A very interesting thread, but premised on the demographic rules as per DMG. Nothing wrong with that, other than the demographic rules as per DMG are designed to give the D&D game a pseudo-medieval Tolkein-esque fantasy world flavour. In reality, access to 1st level spells would change the world in deeply fundamental ways within a century or two of their "discovery".
Let's take cure light wounds as an example. The argument seems ot have been that the local cleric won't cast his spells except in dire emergency, for special people, or for a price well above the capacity of most commoners to pay. Let's take the "dire emergency" option. Farmer's wife is having a difficult labour. Farmer's son runs to local cleric asking for help. Cleric consults his god's teachings and, assuming that his god is good-aligned, somewhere he'll undoubtedly find something about protecting/nurturing/caring for mothers and children. Irrespective of whether the farmer has been attending church, the cleric will attend upon the stricken woman having a difficult labour. Cleric uses a cure light wounds plus a healthy dose of his heal skill and saves mother and child. The cleric is responding to a real emergency and saving two lives - but of course, he wouldn't use one of his daily allotment of 1st level spells doing so, would he? NOT!
In your typical medieval world, childbirth was the most dangerous thing a woman ever did. Women in childbirth died in their droves. Now, woo hoo, thanks to the miracle of 1st level spells, childbirth is as routine and life threatening as it is in the 21st century First World.
Now extrapolate a bit further. Every life threatening injury is treated by a cleric provided one gets there in time. So we have most babies being born alive to live mothers, and death by accident only occurs when the death follows closely (in time) upon the accident.

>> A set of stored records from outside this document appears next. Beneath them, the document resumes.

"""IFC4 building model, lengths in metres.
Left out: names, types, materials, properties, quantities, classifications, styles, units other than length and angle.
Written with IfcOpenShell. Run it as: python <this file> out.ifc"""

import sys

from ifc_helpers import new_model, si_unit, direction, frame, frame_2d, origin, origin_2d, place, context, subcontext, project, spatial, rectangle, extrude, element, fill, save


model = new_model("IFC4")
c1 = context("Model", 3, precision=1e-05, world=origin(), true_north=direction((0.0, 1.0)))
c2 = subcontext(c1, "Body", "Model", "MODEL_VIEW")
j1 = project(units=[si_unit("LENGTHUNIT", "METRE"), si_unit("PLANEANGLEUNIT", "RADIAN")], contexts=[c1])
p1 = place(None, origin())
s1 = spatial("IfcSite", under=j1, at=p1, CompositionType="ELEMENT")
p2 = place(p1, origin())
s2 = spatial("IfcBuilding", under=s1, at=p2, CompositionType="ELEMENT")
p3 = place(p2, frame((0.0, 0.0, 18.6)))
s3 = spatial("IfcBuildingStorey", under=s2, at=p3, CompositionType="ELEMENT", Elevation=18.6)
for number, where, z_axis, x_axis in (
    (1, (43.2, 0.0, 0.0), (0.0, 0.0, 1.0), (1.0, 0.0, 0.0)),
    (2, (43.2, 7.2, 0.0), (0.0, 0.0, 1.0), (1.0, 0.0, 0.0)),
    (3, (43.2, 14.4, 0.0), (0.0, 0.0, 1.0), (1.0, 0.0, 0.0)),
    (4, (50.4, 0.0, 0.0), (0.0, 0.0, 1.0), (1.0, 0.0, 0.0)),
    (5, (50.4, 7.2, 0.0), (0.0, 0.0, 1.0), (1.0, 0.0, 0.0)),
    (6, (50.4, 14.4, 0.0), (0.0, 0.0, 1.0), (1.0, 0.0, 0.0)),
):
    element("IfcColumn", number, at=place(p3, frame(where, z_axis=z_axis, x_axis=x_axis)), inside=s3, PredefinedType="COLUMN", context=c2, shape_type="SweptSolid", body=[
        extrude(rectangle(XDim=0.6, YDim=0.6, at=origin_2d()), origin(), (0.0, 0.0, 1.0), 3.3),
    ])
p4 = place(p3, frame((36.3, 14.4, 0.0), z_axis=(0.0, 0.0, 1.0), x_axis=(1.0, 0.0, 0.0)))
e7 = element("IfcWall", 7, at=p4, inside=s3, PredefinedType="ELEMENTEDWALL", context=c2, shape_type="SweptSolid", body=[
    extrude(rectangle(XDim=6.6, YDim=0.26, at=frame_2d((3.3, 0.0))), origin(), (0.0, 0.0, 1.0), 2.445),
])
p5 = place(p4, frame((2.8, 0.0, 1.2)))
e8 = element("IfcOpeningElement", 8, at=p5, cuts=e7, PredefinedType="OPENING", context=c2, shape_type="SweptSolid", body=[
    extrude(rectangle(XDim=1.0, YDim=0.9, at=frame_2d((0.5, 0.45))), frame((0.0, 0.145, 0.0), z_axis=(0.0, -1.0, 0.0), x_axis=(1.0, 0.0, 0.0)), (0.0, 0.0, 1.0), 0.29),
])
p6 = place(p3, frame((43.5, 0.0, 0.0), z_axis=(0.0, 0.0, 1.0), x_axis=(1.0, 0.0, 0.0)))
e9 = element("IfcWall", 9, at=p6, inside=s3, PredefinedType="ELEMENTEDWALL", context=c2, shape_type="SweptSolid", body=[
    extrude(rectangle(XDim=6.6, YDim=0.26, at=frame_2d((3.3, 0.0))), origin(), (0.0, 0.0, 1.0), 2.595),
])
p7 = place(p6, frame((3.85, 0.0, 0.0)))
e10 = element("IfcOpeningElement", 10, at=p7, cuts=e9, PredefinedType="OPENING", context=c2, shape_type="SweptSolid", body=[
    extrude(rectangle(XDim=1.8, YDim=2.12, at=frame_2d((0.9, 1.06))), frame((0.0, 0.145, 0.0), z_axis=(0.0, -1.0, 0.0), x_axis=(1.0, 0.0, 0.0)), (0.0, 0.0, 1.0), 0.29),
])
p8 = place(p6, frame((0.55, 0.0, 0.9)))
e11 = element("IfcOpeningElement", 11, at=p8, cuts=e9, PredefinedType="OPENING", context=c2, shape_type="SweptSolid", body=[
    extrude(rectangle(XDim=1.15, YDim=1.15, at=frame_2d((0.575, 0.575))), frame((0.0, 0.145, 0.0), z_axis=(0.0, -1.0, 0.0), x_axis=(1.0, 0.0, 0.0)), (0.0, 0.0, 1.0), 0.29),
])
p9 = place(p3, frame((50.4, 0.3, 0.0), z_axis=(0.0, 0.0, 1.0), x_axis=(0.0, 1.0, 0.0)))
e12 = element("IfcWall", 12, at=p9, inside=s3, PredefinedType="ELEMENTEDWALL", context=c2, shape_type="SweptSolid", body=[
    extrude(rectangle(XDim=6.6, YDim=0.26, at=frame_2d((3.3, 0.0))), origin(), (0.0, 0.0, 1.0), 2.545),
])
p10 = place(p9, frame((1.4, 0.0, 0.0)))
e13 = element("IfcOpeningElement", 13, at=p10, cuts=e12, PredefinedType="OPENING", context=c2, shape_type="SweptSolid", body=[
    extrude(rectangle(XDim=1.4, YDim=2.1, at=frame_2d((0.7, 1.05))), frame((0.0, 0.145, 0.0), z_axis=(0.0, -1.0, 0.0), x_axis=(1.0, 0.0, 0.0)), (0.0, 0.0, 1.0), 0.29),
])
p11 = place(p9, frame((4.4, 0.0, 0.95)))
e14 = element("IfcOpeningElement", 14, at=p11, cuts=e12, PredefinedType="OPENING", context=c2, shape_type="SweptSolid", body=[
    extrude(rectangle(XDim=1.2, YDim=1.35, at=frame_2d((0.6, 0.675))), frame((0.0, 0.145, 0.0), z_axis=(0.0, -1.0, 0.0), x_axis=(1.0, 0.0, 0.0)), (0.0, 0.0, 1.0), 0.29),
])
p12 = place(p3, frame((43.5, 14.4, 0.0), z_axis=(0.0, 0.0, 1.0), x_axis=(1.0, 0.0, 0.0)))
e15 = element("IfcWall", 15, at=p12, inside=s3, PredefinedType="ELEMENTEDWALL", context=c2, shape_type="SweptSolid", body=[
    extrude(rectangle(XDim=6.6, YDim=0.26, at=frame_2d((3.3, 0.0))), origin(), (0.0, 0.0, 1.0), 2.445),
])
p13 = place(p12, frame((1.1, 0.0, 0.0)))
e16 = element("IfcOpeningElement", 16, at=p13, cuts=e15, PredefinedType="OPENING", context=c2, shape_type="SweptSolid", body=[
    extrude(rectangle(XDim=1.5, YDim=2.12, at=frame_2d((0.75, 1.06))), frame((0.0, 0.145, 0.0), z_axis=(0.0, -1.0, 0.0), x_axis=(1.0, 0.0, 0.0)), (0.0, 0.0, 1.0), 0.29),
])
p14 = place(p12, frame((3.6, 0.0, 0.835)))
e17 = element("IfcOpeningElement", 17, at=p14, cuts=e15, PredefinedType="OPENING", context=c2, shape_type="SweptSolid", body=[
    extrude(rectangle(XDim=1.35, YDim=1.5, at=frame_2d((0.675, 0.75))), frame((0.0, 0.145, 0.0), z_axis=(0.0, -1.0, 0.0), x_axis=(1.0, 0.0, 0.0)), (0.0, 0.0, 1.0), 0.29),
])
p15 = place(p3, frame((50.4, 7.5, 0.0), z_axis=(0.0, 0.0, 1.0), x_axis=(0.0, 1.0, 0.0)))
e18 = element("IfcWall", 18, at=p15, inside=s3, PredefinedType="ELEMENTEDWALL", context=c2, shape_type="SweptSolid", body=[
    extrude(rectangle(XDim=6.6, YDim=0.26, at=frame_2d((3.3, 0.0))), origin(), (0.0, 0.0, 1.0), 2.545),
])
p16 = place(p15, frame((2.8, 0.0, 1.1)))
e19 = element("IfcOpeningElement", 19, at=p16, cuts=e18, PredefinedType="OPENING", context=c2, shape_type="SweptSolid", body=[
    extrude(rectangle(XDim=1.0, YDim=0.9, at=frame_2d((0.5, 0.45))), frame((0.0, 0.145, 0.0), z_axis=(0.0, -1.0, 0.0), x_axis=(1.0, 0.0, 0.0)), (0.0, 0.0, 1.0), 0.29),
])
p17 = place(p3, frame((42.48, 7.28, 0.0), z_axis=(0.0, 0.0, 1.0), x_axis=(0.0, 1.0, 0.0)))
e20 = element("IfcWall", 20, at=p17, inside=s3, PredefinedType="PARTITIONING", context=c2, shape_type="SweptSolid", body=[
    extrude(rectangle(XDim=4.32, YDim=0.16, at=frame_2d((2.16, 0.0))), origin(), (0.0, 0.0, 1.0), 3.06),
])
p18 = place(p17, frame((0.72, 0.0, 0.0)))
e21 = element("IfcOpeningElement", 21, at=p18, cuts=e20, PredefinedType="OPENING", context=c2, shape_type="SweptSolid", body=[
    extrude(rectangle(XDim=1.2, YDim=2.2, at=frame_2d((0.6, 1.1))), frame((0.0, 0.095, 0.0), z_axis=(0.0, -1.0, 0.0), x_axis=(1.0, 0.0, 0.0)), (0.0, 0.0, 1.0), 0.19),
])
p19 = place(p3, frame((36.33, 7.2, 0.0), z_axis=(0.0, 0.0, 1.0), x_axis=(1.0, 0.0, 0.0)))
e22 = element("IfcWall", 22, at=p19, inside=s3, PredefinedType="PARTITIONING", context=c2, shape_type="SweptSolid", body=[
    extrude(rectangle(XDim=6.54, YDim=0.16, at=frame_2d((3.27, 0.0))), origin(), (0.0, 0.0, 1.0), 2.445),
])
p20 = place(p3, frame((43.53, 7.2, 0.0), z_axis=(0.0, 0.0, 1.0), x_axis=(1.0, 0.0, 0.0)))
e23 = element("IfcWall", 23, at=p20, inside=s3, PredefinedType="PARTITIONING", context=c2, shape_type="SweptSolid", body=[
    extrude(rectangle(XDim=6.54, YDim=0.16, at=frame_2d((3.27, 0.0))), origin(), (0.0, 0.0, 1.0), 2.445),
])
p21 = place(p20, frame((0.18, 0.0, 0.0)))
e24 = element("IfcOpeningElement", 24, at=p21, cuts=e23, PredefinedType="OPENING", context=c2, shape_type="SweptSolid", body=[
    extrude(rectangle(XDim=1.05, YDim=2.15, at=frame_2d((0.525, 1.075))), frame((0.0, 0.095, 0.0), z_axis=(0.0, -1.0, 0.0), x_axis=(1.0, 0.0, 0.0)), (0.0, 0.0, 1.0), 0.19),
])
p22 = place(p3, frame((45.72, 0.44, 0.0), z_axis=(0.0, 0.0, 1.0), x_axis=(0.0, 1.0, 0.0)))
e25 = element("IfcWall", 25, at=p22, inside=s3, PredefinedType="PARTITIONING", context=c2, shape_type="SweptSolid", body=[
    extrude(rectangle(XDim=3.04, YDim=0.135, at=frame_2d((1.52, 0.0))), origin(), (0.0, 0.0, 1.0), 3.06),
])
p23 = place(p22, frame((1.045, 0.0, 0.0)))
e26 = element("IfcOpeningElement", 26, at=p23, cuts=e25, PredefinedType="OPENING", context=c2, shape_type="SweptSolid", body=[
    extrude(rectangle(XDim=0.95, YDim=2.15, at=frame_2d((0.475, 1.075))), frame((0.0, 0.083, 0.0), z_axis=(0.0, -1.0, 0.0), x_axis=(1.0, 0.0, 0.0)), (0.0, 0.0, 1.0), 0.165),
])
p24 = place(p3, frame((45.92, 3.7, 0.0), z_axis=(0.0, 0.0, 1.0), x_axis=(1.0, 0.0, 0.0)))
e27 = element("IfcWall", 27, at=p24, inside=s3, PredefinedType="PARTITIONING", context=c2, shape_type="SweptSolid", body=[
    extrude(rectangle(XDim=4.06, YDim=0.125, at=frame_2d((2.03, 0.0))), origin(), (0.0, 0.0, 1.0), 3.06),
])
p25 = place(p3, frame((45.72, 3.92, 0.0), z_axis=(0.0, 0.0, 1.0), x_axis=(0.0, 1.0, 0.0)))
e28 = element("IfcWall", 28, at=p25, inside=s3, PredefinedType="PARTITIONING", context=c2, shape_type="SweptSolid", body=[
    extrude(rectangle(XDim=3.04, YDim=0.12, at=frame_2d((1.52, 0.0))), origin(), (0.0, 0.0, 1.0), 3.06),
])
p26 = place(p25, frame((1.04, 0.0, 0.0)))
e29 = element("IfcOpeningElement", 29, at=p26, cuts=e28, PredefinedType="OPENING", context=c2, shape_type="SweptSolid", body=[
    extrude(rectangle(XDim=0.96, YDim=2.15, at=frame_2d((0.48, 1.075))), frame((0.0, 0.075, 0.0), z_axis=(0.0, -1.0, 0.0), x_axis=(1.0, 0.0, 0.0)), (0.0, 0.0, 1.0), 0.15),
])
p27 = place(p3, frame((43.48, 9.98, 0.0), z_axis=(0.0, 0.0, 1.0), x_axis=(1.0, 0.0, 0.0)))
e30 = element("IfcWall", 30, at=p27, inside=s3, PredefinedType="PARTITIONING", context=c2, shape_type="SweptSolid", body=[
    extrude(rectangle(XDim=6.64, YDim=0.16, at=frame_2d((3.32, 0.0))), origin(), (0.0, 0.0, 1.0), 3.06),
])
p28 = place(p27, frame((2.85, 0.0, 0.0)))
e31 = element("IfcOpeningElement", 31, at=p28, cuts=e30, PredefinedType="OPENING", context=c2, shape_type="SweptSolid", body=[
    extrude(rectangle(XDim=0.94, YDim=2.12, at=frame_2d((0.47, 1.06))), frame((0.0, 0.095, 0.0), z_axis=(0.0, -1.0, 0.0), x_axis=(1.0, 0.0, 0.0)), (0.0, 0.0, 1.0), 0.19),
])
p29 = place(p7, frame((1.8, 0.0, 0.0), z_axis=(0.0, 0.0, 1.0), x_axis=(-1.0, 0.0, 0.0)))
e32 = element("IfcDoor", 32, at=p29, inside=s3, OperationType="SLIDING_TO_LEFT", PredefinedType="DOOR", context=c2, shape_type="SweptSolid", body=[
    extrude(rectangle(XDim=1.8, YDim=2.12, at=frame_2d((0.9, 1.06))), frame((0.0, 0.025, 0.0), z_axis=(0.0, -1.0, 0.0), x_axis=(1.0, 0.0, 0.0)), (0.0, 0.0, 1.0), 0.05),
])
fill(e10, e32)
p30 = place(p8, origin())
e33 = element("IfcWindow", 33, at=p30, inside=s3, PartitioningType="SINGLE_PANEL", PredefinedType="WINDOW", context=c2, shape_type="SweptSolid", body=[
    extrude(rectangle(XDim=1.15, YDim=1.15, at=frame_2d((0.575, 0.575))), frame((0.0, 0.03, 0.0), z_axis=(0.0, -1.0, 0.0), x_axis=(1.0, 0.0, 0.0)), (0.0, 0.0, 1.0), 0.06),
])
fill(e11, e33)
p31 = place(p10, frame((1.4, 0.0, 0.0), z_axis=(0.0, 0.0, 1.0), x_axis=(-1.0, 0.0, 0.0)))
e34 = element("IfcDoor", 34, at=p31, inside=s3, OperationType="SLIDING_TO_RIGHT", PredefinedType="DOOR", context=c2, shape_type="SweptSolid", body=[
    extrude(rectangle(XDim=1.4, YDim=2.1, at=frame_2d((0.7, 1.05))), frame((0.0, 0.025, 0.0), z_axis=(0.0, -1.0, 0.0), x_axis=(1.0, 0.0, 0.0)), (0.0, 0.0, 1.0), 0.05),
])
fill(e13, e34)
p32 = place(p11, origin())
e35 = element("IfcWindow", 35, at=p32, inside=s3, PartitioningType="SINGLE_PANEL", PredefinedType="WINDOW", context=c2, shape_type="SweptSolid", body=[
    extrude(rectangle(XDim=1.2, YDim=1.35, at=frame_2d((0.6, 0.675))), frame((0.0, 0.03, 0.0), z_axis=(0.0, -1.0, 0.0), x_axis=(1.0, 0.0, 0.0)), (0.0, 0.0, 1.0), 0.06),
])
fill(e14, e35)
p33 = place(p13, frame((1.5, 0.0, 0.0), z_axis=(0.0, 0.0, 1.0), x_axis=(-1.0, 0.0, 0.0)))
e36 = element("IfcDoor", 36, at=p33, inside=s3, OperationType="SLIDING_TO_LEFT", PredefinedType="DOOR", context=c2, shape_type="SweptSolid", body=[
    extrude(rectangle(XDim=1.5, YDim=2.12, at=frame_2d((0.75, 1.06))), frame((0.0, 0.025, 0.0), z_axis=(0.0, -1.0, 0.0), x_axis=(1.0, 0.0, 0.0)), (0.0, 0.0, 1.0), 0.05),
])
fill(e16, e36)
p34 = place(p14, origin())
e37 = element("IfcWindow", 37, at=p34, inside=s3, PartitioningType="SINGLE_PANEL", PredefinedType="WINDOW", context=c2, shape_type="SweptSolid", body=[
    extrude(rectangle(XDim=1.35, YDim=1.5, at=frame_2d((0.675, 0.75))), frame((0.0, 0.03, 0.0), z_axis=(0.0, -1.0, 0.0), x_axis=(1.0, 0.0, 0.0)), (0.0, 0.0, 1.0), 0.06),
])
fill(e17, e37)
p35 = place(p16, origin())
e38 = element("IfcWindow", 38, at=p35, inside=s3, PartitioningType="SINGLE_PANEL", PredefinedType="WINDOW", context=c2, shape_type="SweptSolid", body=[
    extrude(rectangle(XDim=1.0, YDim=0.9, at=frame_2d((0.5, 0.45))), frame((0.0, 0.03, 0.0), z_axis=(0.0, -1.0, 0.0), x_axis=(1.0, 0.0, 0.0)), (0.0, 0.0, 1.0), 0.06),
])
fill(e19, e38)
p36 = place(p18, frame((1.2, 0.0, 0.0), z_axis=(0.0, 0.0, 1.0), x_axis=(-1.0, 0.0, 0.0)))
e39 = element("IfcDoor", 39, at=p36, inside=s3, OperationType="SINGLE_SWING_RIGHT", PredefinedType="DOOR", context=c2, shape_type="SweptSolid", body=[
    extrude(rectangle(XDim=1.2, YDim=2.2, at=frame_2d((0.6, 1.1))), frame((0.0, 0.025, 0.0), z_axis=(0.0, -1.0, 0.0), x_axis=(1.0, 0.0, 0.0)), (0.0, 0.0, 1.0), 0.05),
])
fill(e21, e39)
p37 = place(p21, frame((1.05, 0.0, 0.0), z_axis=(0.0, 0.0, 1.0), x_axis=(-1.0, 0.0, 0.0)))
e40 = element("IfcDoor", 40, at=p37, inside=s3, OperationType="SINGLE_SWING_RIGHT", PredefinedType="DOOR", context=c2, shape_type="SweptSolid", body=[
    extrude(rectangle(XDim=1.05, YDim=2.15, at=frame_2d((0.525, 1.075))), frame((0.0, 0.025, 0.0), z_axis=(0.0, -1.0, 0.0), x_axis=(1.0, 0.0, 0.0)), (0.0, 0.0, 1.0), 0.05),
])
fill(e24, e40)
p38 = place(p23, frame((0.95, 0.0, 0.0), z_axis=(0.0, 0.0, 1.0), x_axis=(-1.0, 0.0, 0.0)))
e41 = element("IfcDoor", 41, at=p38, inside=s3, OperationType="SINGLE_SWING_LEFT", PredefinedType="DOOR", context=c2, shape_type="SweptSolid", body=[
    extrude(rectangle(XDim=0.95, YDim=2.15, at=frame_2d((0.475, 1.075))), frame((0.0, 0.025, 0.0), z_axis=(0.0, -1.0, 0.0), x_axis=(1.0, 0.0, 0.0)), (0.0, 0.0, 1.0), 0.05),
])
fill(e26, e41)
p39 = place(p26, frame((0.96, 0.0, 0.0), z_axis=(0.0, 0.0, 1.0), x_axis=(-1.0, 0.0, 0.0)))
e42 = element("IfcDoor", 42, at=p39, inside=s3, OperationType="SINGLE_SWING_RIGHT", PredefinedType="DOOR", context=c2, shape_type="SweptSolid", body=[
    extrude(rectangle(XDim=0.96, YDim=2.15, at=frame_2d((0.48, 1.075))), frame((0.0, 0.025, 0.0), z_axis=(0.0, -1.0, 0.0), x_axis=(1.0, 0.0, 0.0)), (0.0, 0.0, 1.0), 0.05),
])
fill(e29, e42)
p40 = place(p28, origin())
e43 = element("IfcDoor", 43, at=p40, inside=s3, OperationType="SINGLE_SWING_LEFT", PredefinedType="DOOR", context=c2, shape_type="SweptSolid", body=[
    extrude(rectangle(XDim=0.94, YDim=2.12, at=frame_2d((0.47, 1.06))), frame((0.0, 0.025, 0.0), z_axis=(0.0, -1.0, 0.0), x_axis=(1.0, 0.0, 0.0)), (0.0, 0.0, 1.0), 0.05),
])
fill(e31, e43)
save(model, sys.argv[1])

Populations start to creep upwards - actually, they increase exponentially. What you have occurring is the exponential increase in population which occurred IRL from the end of the 18th Century. Human capital increases exponentially. With that additional human capital the human race progresses in all fields of endeavour exponentially - including magical capability - unless you place some artificial limitation on it, like "the gods wouldn't let that happen". Without such a contrived limitation, "magic as technology" naturally occurs. And pretty soon, those little hamlets with less than 100 people in which "most" of the population live disappear and "most" of the population live in highly urbanised environments surrounded by all of the benefits of magical transportation, communication, health care, defence, law enforcement etc.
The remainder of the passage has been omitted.